UN RITO PER DIVENTARE UOMINI

Per moltissimi giovani americani compiere 21 anni è un passaggio fondamentale. Non solo il passaggio alla maggiore età concede nuovi diritti, ma diventa un motivo e un’occasione per fare sfoggio di sé. È il momento che tutti aspettano con ansia. Si diventa adulti e si viene riconosciuti come indipendenti. Rappresenta un forte cambiamento. Passata questa età i giovani possono finalmente andare nei locali giusti. Bar, casino e club dove è possibile acquistare alcolici sono luoghi preclusi ai minori. Si diventa davvero uomini, potendosi divertire al meglio ed in modo indipendente.

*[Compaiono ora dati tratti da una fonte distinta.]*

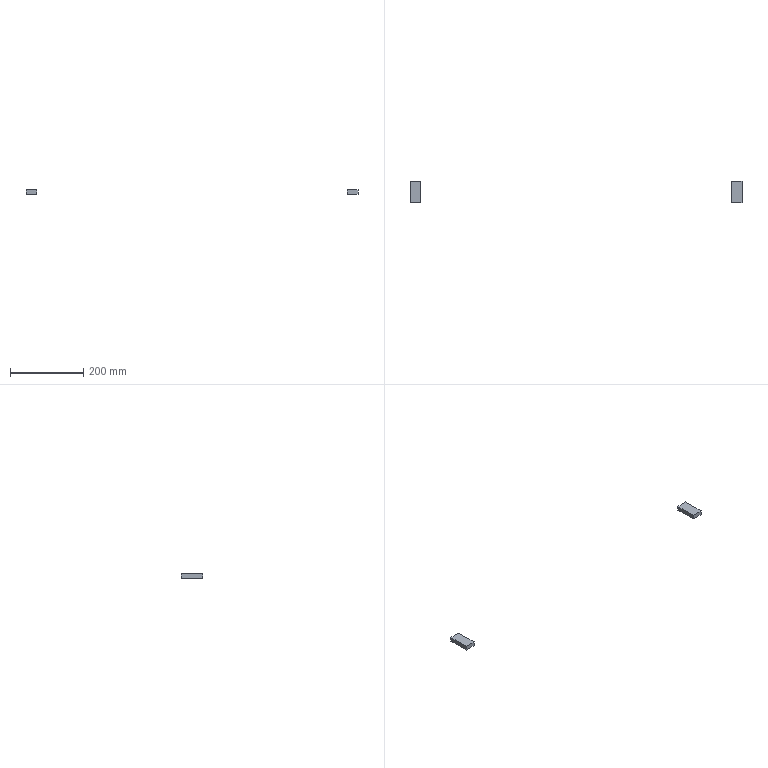Component | SolidWorks | Part2^SW-451-1 | 2 solids | 12 faces | box 909 x 60 x 12 mm | volume 43200 mm3 | plane 12
STEP:
#1=COLOUR_RGB('',0.7922,0.8196,0.9333);
#2=FILL_AREA_STYLE_COLOUR('',#1);
#3=FILL_AREA_STYLE('',(#2));
#4=SURFACE_STYLE_FILL_AREA(#3);
#5=SURFACE_SIDE_STYLE('',(#4));
#6=SURFACE_STYLE_USAGE(.BOTH.,#5);
#7=PRESENTATION_STYLE_ASSIGNMENT((#6));
#8=CARTESIAN_POINT('',(33.819,-2.362,4.123));
#9=VERTEX_POINT('',#8);
#10=CARTESIAN_POINT('',(35.,-2.362,4.123));
#11=VERTEX_POINT('',#10);
#12=CARTESIAN_POINT('',(-0.7874,-2.362,4.123));
#13=DIRECTION('',(1.,0.,0.));
#14=VECTOR('',#13,39.37);
#15=LINE('',#12,#14);
#16=EDGE_CURVE('',#9,#11,#15,.T.);
#17=ORIENTED_EDGE('',*,*,#16,.F.);
#18=CARTESIAN_POINT('',(33.819,-2.362,3.651));
#19=VERTEX_POINT('',#18);
#20=CARTESIAN_POINT('',(33.819,-2.362,4.123));
#21=DIRECTION('',(0.,0.,-1.));
#22=VECTOR('',#21,39.37);
#23=LINE('',#20,#22);
#24=EDGE_CURVE('',#9,#19,#23,.T.);
#25=ORIENTED_EDGE('',*,*,#24,.T.);
#26=CARTESIAN_POINT('',(35.,-2.362,3.651));
#27=VERTEX_POINT('',#26);
#28=CARTESIAN_POINT('',(-0.7874,-2.362,3.651));
#29=DIRECTION('',(1.,0.,0.));
#30=VECTOR('',#29,39.37);
#31=LINE('',#28,#30);
#32=EDGE_CURVE('',#19,#27,#31,.T.);
#33=ORIENTED_EDGE('',*,*,#32,.T.);
#34=CARTESIAN_POINT('',(35.,-2.362,4.123));
#35=DIRECTION('',(0.,0.,-1.));
#36=VECTOR('',#35,39.37);
#37=LINE('',#34,#36);
#38=EDGE_CURVE('',#11,#27,#37,.T.);
#39=ORIENTED_EDGE('',*,*,#38,.F.);
#40=EDGE_LOOP('',(#17,#25,#33,#39));
#41=FACE_OUTER_BOUND('',#40,.T.);
#42=CARTESIAN_POINT('',(-0.7874,-2.362,4.123));
#43=DIRECTION('',(0.,1.,0.));
#44=DIRECTION('',(0.,0.,1.));
#45=AXIS2_PLACEMENT_3D('',#42,#43,#44);
#46=PLANE('',#45);
#47=ADVANCED_FACE('',(#41),#46,.F.);
#48=CARTESIAN_POINT('',(35.,-0.,3.651));
#49=VERTEX_POINT('',#48);
#50=CARTESIAN_POINT('',(33.819,-0.,3.651));
#51=VERTEX_POINT('',#50);
#52=CARTESIAN_POINT('',(-0.7874,-0.,3.651));
#53=DIRECTION('',(-1.,0.,0.));
#54=VECTOR('',#53,39.37);
#55=LINE('',#52,#54);
#56=EDGE_CURVE('',#49,#51,#55,.T.);
#57=ORIENTED_EDGE('',*,*,#56,.T.);
#58=CARTESIAN_POINT('',(33.819,-0.,4.123));
#59=VERTEX_POINT('',#58);
#60=CARTESIAN_POINT('',(33.819,-0.,4.123));
#61=DIRECTION('',(0.,0.,-1.));
#62=VECTOR('',#61,39.37);
#63=LINE('',#60,#62);
#64=EDGE_CURVE('',#59,#51,#63,.T.);
#65=ORIENTED_EDGE('',*,*,#64,.F.);
#66=CARTESIAN_POINT('',(35.,-0.,4.123));
#67=VERTEX_POINT('',#66);
#68=CARTESIAN_POINT('',(-0.7874,-0.,4.123));
#69=DIRECTION('',(-1.,0.,0.));
#70=VECTOR('',#69,39.37);
#71=LINE('',#68,#70);
#72=EDGE_CURVE('',#67,#59,#71,.T.);
#73=ORIENTED_EDGE('',*,*,#72,.F.);
#74=CARTESIAN_POINT('',(35.,-0.,4.123));
#75=DIRECTION('',(0.,0.,-1.));
#76=VECTOR('',#75,39.37);
#77=LINE('',#74,#76);
#78=EDGE_CURVE('',#67,#49,#77,.T.);
#79=ORIENTED_EDGE('',*,*,#78,.T.);
#80=EDGE_LOOP('',(#57,#65,#73,#79));
#81=FACE_OUTER_BOUND('',#80,.T.);
#82=CARTESIAN_POINT('',(-0.7874,-0.,4.123));
#83=DIRECTION('',(0.,-1.,0.));
#84=DIRECTION('',(0.,0.,-1.));
#85=AXIS2_PLACEMENT_3D('',#82,#83,#84);
#86=PLANE('',#85);
#87=ADVANCED_FACE('',(#81),#86,.F.);
#88=ORIENTED_EDGE('',*,*,#72,.T.);
#89=CARTESIAN_POINT('',(33.819,-0.,4.123));
#90=DIRECTION('',(0.,-1.,0.));
#91=VECTOR('',#90,39.37);
#92=LINE('',#89,#91);
#93=EDGE_CURVE('',#59,#9,#92,.T.);
#94=ORIENTED_EDGE('',*,*,#93,.T.);
#95=ORIENTED_EDGE('',*,*,#16,.T.);
#96=CARTESIAN_POINT('',(35.,-2.362,4.123));
#97=DIRECTION('',(0.,1.,0.));
#98=VECTOR('',#97,39.37);
#99=LINE('',#96,#98);
#100=EDGE_CURVE('',#11,#67,#99,.T.);
#101=ORIENTED_EDGE('',*,*,#100,.T.);
#102=EDGE_LOOP('',(#88,#94,#95,#101));
#103=FACE_OUTER_BOUND('',#102,.T.);
#104=CARTESIAN_POINT('',(-0.7874,-2.362,4.123));
#105=DIRECTION('',(0.,0.,-1.));
#106=DIRECTION('',(-1.,0.,0.));
#107=AXIS2_PLACEMENT_3D('',#104,#105,#106);
#108=PLANE('',#107);
#109=ADVANCED_FACE('',(#103),#108,.F.);
#110=CARTESIAN_POINT('',(33.819,-0.,3.651));
#111=DIRECTION('',(0.,-1.,0.));
#112=VECTOR('',#111,39.37);
#113=LINE('',#110,#112);
#114=EDGE_CURVE('',#51,#19,#113,.T.);
#115=ORIENTED_EDGE('',*,*,#114,.F.);
#116=ORIENTED_EDGE('',*,*,#56,.F.);
#117=CARTESIAN_POINT('',(35.,-2.362,3.651));
#118=DIRECTION('',(0.,1.,0.));
#119=VECTOR('',#118,39.37);
#120=LINE('',#117,#119);
#121=EDGE_CURVE('',#27,#49,#120,.T.);
#122=ORIENTED_EDGE('',*,*,#121,.F.);
#123=ORIENTED_EDGE('',*,*,#32,.F.);
#124=EDGE_LOOP('',(#115,#116,#122,#123));
#125=FACE_OUTER_BOUND('',#124,.T.);
#126=CARTESIAN_POINT('',(-0.7874,-2.362,3.651));
#127=DIRECTION('',(0.,0.,-1.));
#128=DIRECTION('',(-1.,0.,0.));
#129=AXIS2_PLACEMENT_3D('',#126,#127,#128);
#130=PLANE('',#129);
#131=ADVANCED_FACE('',(#125),#130,.T.);
#132=ORIENTED_EDGE('',*,*,#121,.T.);
#133=ORIENTED_EDGE('',*,*,#78,.F.);
#134=ORIENTED_EDGE('',*,*,#100,.F.);
#135=ORIENTED_EDGE('',*,*,#38,.T.);
#136=EDGE_LOOP('',(#132,#133,#134,#135));
#137=FACE_OUTER_BOUND('',#136,.T.);
#138=CARTESIAN_POINT('',(35.,-2.362,4.123));
#139=DIRECTION('',(-1.,0.,0.));
#140=DIRECTION('',(0.,0.,1.));
#141=AXIS2_PLACEMENT_3D('',#138,#139,#140);
#142=PLANE('',#141);
#143=ADVANCED_FACE('',(#137),#142,.F.);
#144=ORIENTED_EDGE('',*,*,#114,.T.);
#145=ORIENTED_EDGE('',*,*,#24,.F.);
#146=ORIENTED_EDGE('',*,*,#93,.F.);
#147=ORIENTED_EDGE('',*,*,#64,.T.);
#148=EDGE_LOOP('',(#144,#145,#146,#147));
#149=FACE_OUTER_BOUND('',#148,.T.);
#150=CARTESIAN_POINT('',(33.819,-0.,4.123));
#151=DIRECTION('',(1.,0.,0.));
#152=DIRECTION('',(0.,0.,-1.));
#153=AXIS2_PLACEMENT_3D('',#150,#151,#152);
#154=PLANE('',#153);
#155=ADVANCED_FACE('',(#149),#154,.F.);
#156=CLOSED_SHELL('',(#47,#87,#109,#131,#143,#155));
#157=MANIFOLD_SOLID_BREP('',#156);
#158=STYLED_ITEM('',(#7),#157);
#159=PRESENTATION_LAYER_ASSIGNMENT('','',(#158));
#160=COLOUR_RGB('',0.7922,0.8196,0.9333);
#161=FILL_AREA_STYLE_COLOUR('',#160);
#162=FILL_AREA_STYLE('',(#161));
#163=SURFACE_STYLE_FILL_AREA(#162);
#164=SURFACE_SIDE_STYLE('',(#163));
#165=SURFACE_STYLE_USAGE(.BOTH.,#164);
#166=PRESENTATION_STYLE_ASSIGNMENT((#165));
#167=CARTESIAN_POINT('',(-0.7874,-0.,3.651));
#168=VERTEX_POINT('',#167);
#169=CARTESIAN_POINT('',(-0.7874,-2.362,3.651));
#170=VERTEX_POINT('',#169);
#171=CARTESIAN_POINT('',(-0.7874,-2.362,3.651));
#172=DIRECTION('',(0.,-1.,0.));
#173=VECTOR('',#172,39.37);
#174=LINE('',#171,#173);
#175=EDGE_CURVE('',#168,#170,#174,.T.);
#176=ORIENTED_EDGE('',*,*,#175,.T.);
#177=CARTESIAN_POINT('',(-0.7874,-2.362,4.123));
#178=VERTEX_POINT('',#177);
#179=CARTESIAN_POINT('',(-0.7874,-2.362,4.123));
#180=DIRECTION('',(0.,0.,-1.));
#181=VECTOR('',#180,39.37);
#182=LINE('',#179,#181);
#183=EDGE_CURVE('',#178,#170,#182,.T.);
#184=ORIENTED_EDGE('',*,*,#183,.F.);
#185=CARTESIAN_POINT('',(-0.7874,-0.,4.123));
#186=VERTEX_POINT('',#185);
#187=CARTESIAN_POINT('',(-0.7874,-2.362,4.123));
#188=DIRECTION('',(0.,-1.,0.));
#189=VECTOR('',#188,39.37);
#190=LINE('',#187,#189);
#191=EDGE_CURVE('',#186,#178,#190,.T.);
#192=ORIENTED_EDGE('',*,*,#191,.F.);
#193=CARTESIAN_POINT('',(-0.7874,-0.,4.123));
#194=DIRECTION('',(0.,0.,-1.));
#195=VECTOR('',#194,39.37);
#196=LINE('',#193,#195);
#197=EDGE_CURVE('',#186,#168,#196,.T.);
#198=ORIENTED_EDGE('',*,*,#197,.T.);
#199=EDGE_LOOP('',(#176,#184,#192,#198));
#200=FACE_OUTER_BOUND('',#199,.T.);
#201=CARTESIAN_POINT('',(-0.7874,-2.362,4.123));
#202=DIRECTION('',(1.,0.,0.));
#203=DIRECTION('',(0.,0.,-1.));
#204=AXIS2_PLACEMENT_3D('',#201,#202,#203);
#205=PLANE('',#204);
#206=ADVANCED_FACE('',(#200),#205,.F.);
#207=CARTESIAN_POINT('',(0.3937,-2.362,3.651));
#208=VERTEX_POINT('',#207);
#209=CARTESIAN_POINT('',(0.3937,-0.,3.651));
#210=VERTEX_POINT('',#209);
#211=CARTESIAN_POINT('',(0.3937,-0.,3.651));
#212=DIRECTION('',(0.,1.,0.));
#213=VECTOR('',#212,39.37);
#214=LINE('',#211,#213);
#215=EDGE_CURVE('',#208,#210,#214,.T.);
#216=ORIENTED_EDGE('',*,*,#215,.F.);
#217=CARTESIAN_POINT('',(-0.7874,-2.362,3.651));
#218=DIRECTION('',(1.,0.,0.));
#219=VECTOR('',#218,39.37);
#220=LINE('',#217,#219);
#221=EDGE_CURVE('',#170,#208,#220,.T.);
#222=ORIENTED_EDGE('',*,*,#221,.F.);
#223=ORIENTED_EDGE('',*,*,#175,.F.);
#224=CARTESIAN_POINT('',(-0.7874,-0.,3.651));
#225=DIRECTION('',(-1.,0.,0.));
#226=VECTOR('',#225,39.37);
#227=LINE('',#224,#226);
#228=EDGE_CURVE('',#210,#168,#227,.T.);
#229=ORIENTED_EDGE('',*,*,#228,.F.);
#230=EDGE_LOOP('',(#216,#222,#223,#229));
#231=FACE_OUTER_BOUND('',#230,.T.);
#232=CARTESIAN_POINT('',(-0.7874,-2.362,3.651));
#233=DIRECTION('',(0.,0.,-1.));
#234=DIRECTION('',(-1.,0.,0.));
#235=AXIS2_PLACEMENT_3D('',#232,#233,#234);
#236=PLANE('',#235);
#237=ADVANCED_FACE('',(#231),#236,.T.);
#238=CARTESIAN_POINT('',(0.3937,-2.362,4.123));
#239=VERTEX_POINT('',#238);
#240=CARTESIAN_POINT('',(-0.7874,-2.362,4.123));
#241=DIRECTION('',(1.,0.,0.));
#242=VECTOR('',#241,39.37);
#243=LINE('',#240,#242);
#244=EDGE_CURVE('',#178,#239,#243,.T.);
#245=ORIENTED_EDGE('',*,*,#244,.T.);
#246=CARTESIAN_POINT('',(0.3937,-0.,4.123));
#247=VERTEX_POINT('',#246);
#248=CARTESIAN_POINT('',(0.3937,-0.,4.123));
#249=DIRECTION('',(0.,1.,0.));
#250=VECTOR('',#249,39.37);
#251=LINE('',#248,#250);
#252=EDGE_CURVE('',#239,#247,#251,.T.);
#253=ORIENTED_EDGE('',*,*,#252,.T.);
#254=CARTESIAN_POINT('',(-0.7874,-0.,4.123));
#255=DIRECTION('',(-1.,0.,0.));
#256=VECTOR('',#255,39.37);
#257=LINE('',#254,#256);
#258=EDGE_CURVE('',#247,#186,#257,.T.);
#259=ORIENTED_EDGE('',*,*,#258,.T.);
#260=ORIENTED_EDGE('',*,*,#191,.T.);
#261=EDGE_LOOP('',(#245,#253,#259,#260));
#262=FACE_OUTER_BOUND('',#261,.T.);
#263=CARTESIAN_POINT('',(-0.7874,-2.362,4.123));
#264=DIRECTION('',(0.,0.,-1.));
#265=DIRECTION('',(-1.,0.,0.));
#266=AXIS2_PLACEMENT_3D('',#263,#264,#265);
#267=PLANE('',#266);
#268=ADVANCED_FACE('',(#262),#267,.F.);
#269=ORIENTED_EDGE('',*,*,#258,.F.);
#270=CARTESIAN_POINT('',(0.3937,-0.,4.123));
#271=DIRECTION('',(0.,0.,-1.));
#272=VECTOR('',#271,39.37);
#273=LINE('',#270,#272);
#274=EDGE_CURVE('',#247,#210,#273,.T.);
#275=ORIENTED_EDGE('',*,*,#274,.T.);
#276=ORIENTED_EDGE('',*,*,#228,.T.);
#277=ORIENTED_EDGE('',*,*,#197,.F.);
#278=EDGE_LOOP('',(#269,#275,#276,#277));
#279=FACE_OUTER_BOUND('',#278,.T.);
#280=CARTESIAN_POINT('',(-0.7874,-0.,4.123));
#281=DIRECTION('',(0.,-1.,0.));
#282=DIRECTION('',(0.,0.,-1.));
#283=AXIS2_PLACEMENT_3D('',#280,#281,#282);
#284=PLANE('',#283);
#285=ADVANCED_FACE('',(#279),#284,.F.);
#286=ORIENTED_EDGE('',*,*,#221,.T.);
#287=CARTESIAN_POINT('',(0.3937,-2.362,4.123));
#288=DIRECTION('',(0.,0.,-1.));
#289=VECTOR('',#288,39.37);
#290=LINE('',#287,#289);
#291=EDGE_CURVE('',#239,#208,#290,.T.);
#292=ORIENTED_EDGE('',*,*,#291,.F.);
#293=ORIENTED_EDGE('',*,*,#244,.F.);
#294=ORIENTED_EDGE('',*,*,#183,.T.);
#295=EDGE_LOOP('',(#286,#292,#293,#294));
#296=FACE_OUTER_BOUND('',#295,.T.);
#297=CARTESIAN_POINT('',(-0.7874,-2.362,4.123));
#298=DIRECTION('',(0.,1.,0.));
#299=DIRECTION('',(0.,0.,1.));
#300=AXIS2_PLACEMENT_3D('',#297,#298,#299);
#301=PLANE('',#300);
#302=ADVANCED_FACE('',(#296),#301,.F.);
#303=ORIENTED_EDGE('',*,*,#215,.T.);
#304=ORIENTED_EDGE('',*,*,#274,.F.);
#305=ORIENTED_EDGE('',*,*,#252,.F.);
#306=ORIENTED_EDGE('',*,*,#291,.T.);
#307=EDGE_LOOP('',(#303,#304,#305,#306));
#308=FACE_OUTER_BOUND('',#307,.T.);
#309=CARTESIAN_POINT('',(0.3937,-0.,4.123));
#310=DIRECTION('',(-1.,0.,0.));
#311=DIRECTION('',(0.,0.,1.));
#312=AXIS2_PLACEMENT_3D('',#309,#310,#311);
#313=PLANE('',#312);
#314=ADVANCED_FACE('',(#308),#313,.F.);
#315=CLOSED_SHELL('',(#206,#237,#268,#285,#302,#314));
#316=MANIFOLD_SOLID_BREP('',#315);
#317=STYLED_ITEM('',(#166),#316);
#318=(LENGTH_UNIT()NAMED_UNIT(*)SI_UNIT($,.METRE.));
#319=LENGTH_MEASURE_WITH_UNIT(LENGTH_MEASURE(0.0254),#318);
#320=DIMENSIONAL_EXPONENTS(1.,0.,0.,0.,0.,0.,0.);
#321=(CONVERSION_BASED_UNIT('',#319)LENGTH_UNIT()NAMED_UNIT(#320));
#322=UNCERTAINTY_MEASURE_WITH_UNIT(LENGTH_MEASURE(0.00001),#321,'','');
#323=(NAMED_UNIT(*)PLANE_ANGLE_UNIT()SI_UNIT($,.RADIAN.));
#324=(NAMED_UNIT(*)SI_UNIT($,.STERADIAN.)SOLID_ANGLE_UNIT());
#325=(GEOMETRIC_REPRESENTATION_CONTEXT(3)GLOBAL_UNCERTAINTY_ASSIGNED_CONTEXT((#322))GLOBAL_UNIT_ASSIGNED_CONTEXT((#321,#323,#324))REPRESENTATION_CONTEXT('',''));
#326=MECHANICAL_DESIGN_GEOMETRIC_PRESENTATION_REPRESENTATION('',(#317),#325);
#327=(LENGTH_UNIT()NAMED_UNIT(*)SI_UNIT($,.METRE.));
#328=LENGTH_MEASURE_WITH_UNIT(LENGTH_MEASURE(0.0254),#327);
#329=DIMENSIONAL_EXPONENTS(1.,0.,0.,0.,0.,0.,0.);
#330=(CONVERSION_BASED_UNIT('',#328)LENGTH_UNIT()NAMED_UNIT(#329));
#331=UNCERTAINTY_MEASURE_WITH_UNIT(LENGTH_MEASURE(0.00001),#330,'','');
#332=(NAMED_UNIT(*)PLANE_ANGLE_UNIT()SI_UNIT($,.RADIAN.));
#333=(NAMED_UNIT(*)SI_UNIT($,.STERADIAN.)SOLID_ANGLE_UNIT());
#334=(GEOMETRIC_REPRESENTATION_CONTEXT(3)GLOBAL_UNCERTAINTY_ASSIGNED_CONTEXT((#331))GLOBAL_UNIT_ASSIGNED_CONTEXT((#330,#332,#333))REPRESENTATION_CONTEXT('',''));
#335=MECHANICAL_DESIGN_GEOMETRIC_PRESENTATION_REPRESENTATION('',(#158),#334);
#336=CARTESIAN_POINT('',(0.,0.,0.));
#337=DIRECTION('',(0.,0.,1.));
#338=DIRECTION('',(1.,0.,0.));
#339=AXIS2_PLACEMENT_3D('',#336,#337,#338);
#340=(LENGTH_UNIT()NAMED_UNIT(*)SI_UNIT($,.METRE.));
#341=LENGTH_MEASURE_WITH_UNIT(LENGTH_MEASURE(0.0254),#340);
#342=DIMENSIONAL_EXPONENTS(1.,0.,0.,0.,0.,0.,0.);
#343=(CONVERSION_BASED_UNIT('',#341)LENGTH_UNIT()NAMED_UNIT(#342));
#344=UNCERTAINTY_MEASURE_WITH_UNIT(LENGTH_MEASURE(0.00001),#343,'','');
#345=(NAMED_UNIT(*)PLANE_ANGLE_UNIT()SI_UNIT($,.RADIAN.));
#346=(NAMED_UNIT(*)SI_UNIT($,.STERADIAN.)SOLID_ANGLE_UNIT());
#347=(GEOMETRIC_REPRESENTATION_CONTEXT(3)GLOBAL_UNCERTAINTY_ASSIGNED_CONTEXT((#344))GLOBAL_UNIT_ASSIGNED_CONTEXT((#343,#345,#346))REPRESENTATION_CONTEXT('',''));
#348=ADVANCED_BREP_SHAPE_REPRESENTATION('',(#157,#316,#339),#347);
#349=PRESENTATION_LAYER_ASSIGNMENT('','',(#317));

Sono nervoso. Oggi è il mio 21° compleanno e mi aspetta un grande passo. Comprerò la prima cassa di birra della mia vita. Aspetto da tanto questo momento. Non voglio essere più visto come un bambino che per fare qualsiasi cosa deve chiedere permesso alla mamma. Finalmente le cose possono cambiare! Tutti mi vedranno e tutti sapranno quanto sono forte. Ma sono nervoso. Avrò tutti gli occhi addosso. Quelli dei miei amici, quelli dei miei genitori appena sarò uscito di casa e quelli del negoziante quando dovrò mostrare i miei documenti. Esco di casa. Ho preso i soldi? La carta d’identità? Sì, ho tutto. I miei amici mi stanno già aspettando. Sono i soliti quattro, chissà cosa pensano di me.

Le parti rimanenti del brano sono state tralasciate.